Ao falarmos dos distúrbios de natureza psicótica, estamos nos referindo a um tipo de pessoa que, apesar de parecer estar no mundo e de poder compor censos estatísticos sobre os que existem em determinado lugar, sente-se irreal. Para poder dispor da competência para ter experiências e do sentimento de real, é preciso que a pessoa, quando bebê, tenha tido um bom começo e alcançado a integração, que é capaz de lhe fornecer o sentimento de ser, de Eu-Sou.
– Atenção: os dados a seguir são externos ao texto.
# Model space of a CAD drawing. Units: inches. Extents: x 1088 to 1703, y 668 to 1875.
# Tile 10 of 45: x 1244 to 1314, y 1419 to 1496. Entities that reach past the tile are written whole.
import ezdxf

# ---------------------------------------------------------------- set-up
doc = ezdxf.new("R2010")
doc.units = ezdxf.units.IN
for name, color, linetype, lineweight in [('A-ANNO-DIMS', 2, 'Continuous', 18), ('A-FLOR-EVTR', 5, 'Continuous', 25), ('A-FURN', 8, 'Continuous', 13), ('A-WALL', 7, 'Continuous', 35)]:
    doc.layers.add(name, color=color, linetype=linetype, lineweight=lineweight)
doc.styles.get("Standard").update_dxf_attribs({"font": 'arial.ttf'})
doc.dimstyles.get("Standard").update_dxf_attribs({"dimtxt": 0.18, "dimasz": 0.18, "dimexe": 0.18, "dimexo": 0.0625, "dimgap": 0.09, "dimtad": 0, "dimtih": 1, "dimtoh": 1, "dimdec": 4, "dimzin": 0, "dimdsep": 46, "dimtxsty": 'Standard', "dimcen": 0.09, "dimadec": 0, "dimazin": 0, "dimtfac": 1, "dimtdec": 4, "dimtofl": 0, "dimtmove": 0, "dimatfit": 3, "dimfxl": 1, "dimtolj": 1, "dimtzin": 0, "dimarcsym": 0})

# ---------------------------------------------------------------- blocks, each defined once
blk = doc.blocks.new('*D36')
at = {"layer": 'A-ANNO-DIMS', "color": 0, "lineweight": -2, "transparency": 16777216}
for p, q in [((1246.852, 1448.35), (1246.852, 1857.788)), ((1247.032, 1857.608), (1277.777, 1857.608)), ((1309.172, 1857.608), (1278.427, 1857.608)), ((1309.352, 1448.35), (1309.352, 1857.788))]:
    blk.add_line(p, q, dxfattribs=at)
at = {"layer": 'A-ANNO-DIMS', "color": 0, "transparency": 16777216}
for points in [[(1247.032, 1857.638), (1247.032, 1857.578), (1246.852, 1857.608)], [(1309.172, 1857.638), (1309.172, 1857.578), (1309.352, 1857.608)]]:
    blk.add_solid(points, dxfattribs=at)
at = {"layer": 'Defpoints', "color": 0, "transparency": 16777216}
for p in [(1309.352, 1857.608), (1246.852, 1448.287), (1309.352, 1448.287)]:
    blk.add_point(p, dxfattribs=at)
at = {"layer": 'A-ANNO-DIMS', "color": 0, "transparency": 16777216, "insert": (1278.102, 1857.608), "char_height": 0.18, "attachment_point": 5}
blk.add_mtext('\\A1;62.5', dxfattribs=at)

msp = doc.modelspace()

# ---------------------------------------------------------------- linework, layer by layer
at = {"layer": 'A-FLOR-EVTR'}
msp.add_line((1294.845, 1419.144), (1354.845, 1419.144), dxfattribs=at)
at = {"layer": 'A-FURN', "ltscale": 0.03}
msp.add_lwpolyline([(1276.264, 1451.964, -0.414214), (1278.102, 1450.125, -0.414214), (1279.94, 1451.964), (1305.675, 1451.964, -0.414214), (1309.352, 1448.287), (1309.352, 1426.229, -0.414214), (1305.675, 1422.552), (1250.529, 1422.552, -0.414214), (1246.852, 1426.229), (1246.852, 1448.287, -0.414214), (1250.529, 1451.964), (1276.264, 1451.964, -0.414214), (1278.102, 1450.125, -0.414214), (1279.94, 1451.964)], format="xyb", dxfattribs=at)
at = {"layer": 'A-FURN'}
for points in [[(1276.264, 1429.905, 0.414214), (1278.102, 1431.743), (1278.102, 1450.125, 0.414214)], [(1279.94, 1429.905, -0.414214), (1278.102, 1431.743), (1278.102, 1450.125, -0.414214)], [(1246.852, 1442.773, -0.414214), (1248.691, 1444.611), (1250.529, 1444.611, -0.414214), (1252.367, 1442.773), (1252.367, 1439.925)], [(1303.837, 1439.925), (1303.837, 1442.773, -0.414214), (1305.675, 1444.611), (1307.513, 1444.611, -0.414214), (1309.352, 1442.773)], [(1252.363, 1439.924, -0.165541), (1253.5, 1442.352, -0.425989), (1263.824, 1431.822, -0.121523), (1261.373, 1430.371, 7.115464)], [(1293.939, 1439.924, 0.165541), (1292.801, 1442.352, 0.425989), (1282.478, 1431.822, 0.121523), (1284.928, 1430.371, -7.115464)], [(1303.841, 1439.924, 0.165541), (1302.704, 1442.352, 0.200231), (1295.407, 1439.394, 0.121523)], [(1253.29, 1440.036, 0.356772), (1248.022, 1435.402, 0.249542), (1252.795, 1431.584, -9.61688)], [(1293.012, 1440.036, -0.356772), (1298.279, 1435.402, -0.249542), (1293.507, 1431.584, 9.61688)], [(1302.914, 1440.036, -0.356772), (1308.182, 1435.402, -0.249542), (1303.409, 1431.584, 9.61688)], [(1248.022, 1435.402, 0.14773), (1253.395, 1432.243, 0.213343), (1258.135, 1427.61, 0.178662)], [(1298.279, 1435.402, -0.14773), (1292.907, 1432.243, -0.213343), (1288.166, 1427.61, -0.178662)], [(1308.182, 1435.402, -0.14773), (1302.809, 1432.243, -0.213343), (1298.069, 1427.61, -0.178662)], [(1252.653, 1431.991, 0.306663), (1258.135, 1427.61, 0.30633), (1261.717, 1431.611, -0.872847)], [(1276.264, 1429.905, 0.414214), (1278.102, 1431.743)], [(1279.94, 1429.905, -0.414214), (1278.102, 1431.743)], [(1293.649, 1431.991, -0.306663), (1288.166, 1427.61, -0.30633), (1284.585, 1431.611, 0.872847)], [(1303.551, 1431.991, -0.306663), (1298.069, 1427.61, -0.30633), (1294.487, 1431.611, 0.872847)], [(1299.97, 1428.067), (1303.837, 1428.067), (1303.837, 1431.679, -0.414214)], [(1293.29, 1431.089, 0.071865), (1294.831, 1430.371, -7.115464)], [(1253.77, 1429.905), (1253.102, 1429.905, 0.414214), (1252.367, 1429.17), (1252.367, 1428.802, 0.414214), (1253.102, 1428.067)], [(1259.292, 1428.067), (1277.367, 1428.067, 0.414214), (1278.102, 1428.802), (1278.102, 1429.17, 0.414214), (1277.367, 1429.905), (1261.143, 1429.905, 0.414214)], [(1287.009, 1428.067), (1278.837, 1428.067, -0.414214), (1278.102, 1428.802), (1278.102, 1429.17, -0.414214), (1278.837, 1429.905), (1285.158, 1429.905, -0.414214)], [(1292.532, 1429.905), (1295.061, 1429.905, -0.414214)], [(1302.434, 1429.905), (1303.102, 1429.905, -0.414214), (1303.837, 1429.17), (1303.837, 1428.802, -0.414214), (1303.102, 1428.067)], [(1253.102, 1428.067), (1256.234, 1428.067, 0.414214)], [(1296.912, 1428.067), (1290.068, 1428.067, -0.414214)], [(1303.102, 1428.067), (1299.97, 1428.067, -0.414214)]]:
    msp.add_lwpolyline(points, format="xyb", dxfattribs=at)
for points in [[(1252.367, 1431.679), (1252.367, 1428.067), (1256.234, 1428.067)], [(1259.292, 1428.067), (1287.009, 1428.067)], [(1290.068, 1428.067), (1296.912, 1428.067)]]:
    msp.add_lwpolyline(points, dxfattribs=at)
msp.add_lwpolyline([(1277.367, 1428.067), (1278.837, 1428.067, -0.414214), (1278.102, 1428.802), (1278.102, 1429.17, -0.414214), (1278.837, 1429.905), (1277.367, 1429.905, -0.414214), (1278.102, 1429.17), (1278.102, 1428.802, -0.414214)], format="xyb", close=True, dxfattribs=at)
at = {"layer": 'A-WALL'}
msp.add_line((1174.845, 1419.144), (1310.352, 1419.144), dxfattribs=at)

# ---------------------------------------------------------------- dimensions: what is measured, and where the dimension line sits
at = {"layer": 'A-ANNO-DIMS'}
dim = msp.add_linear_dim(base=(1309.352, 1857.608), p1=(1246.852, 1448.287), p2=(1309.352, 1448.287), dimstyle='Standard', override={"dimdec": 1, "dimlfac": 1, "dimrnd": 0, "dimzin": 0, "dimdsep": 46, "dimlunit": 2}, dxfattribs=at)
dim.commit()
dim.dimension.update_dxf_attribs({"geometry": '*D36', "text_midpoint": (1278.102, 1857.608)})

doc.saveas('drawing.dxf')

Daí Winnicott (1954a/1994, p. 332) afirmar que "[...] o estado de Sou, o estado de Ser e o sentimento de realidade em existir não constituem um fim em si, mas uma posição a partir da qual uma vida pode ser vivida". Só depois da conquista dessa posição, podemos falar em uma história de vida. Desse modo, indica-nos Loparic na citação acima, cabe ao terapeuta criar a facilitação ambiental no setting para que o paciente, ele mesmo, estabeleça o contato com o que permaneceu não-integrado e que, por isso, nem ao menos era seu. A alternativa clínica à regra fundamental freudiana, seria: "[...] esperar, esperar, esperar, até que o paciente tente se comunicar, não importa de que maneira, e então responder correspondendo" (Loparic, 1999a, p. 362). Aqui não caberia entender o silêncio como resistência e a comunicação com o paciente deveria acontecer como correspondência, isto é, como uma disponibilidade para o tipo de contato requisitado. No tratamento de pacientes deste tipo,

[...] o analista precisa saber tudo o que se refere a interpretações que possam ser feitas relativas ao material apresentado, mas deve ser capaz de se conter para não ser desviado a fazer este trabalho, que seria inapropriado, porque a necessidade principal é a de apoio simples ao ego, ou de holding. Esse holding, como a tarefa da mãe no cuidado do lactente, reconhece tacitamente a tendência do paciente a se desintegrar, cessar de existir e cair para sempre. (Winnicott, 1963c/1983, p. 217)

Ao comparar o trabalho terapêutico ao holding relativo à tarefa da mãe no cuidado do lactente, Winnicott (1967b/1995, p. 154) nos alerta que, na clínica dos fenômenos psicóticos, é factível utilizar a palavra regressão para significar regressão à dependência e não como retroação em termos de zonas erógenas.29 Nesse sentido, apresenta-nos a ideia de que habita, nesse tipo de paciente, um congelamento da situação de falha. A proposta é que essa memória primitiva do descuido, que atormenta o psicótico, ou seja, que essa situação de falha congelada, que reside em seu ser, pudesse ser "[...] descongelada e revivida, com o indivíduo num estado de regressão dentro de um ambiente capaz de prover a adaptação adequada. A teoria aqui proposta é a da regressão como parte do processo de cura [...]" (Winnicott, 1954b/2000, p. 378). Aqui se trata de uma regressão à dependência inicial, momento em que ocorreu a falha e o amadurecimento foi congelado. Para isso, diz Galvan (2012, p. 47), é preciso que o indivíduo encontre, no novo ambiente, a adaptação e a confiabilidade essenciais que lhe garantam a possibilidade de encontrar uma nova oportunidade de corrigir a falha original.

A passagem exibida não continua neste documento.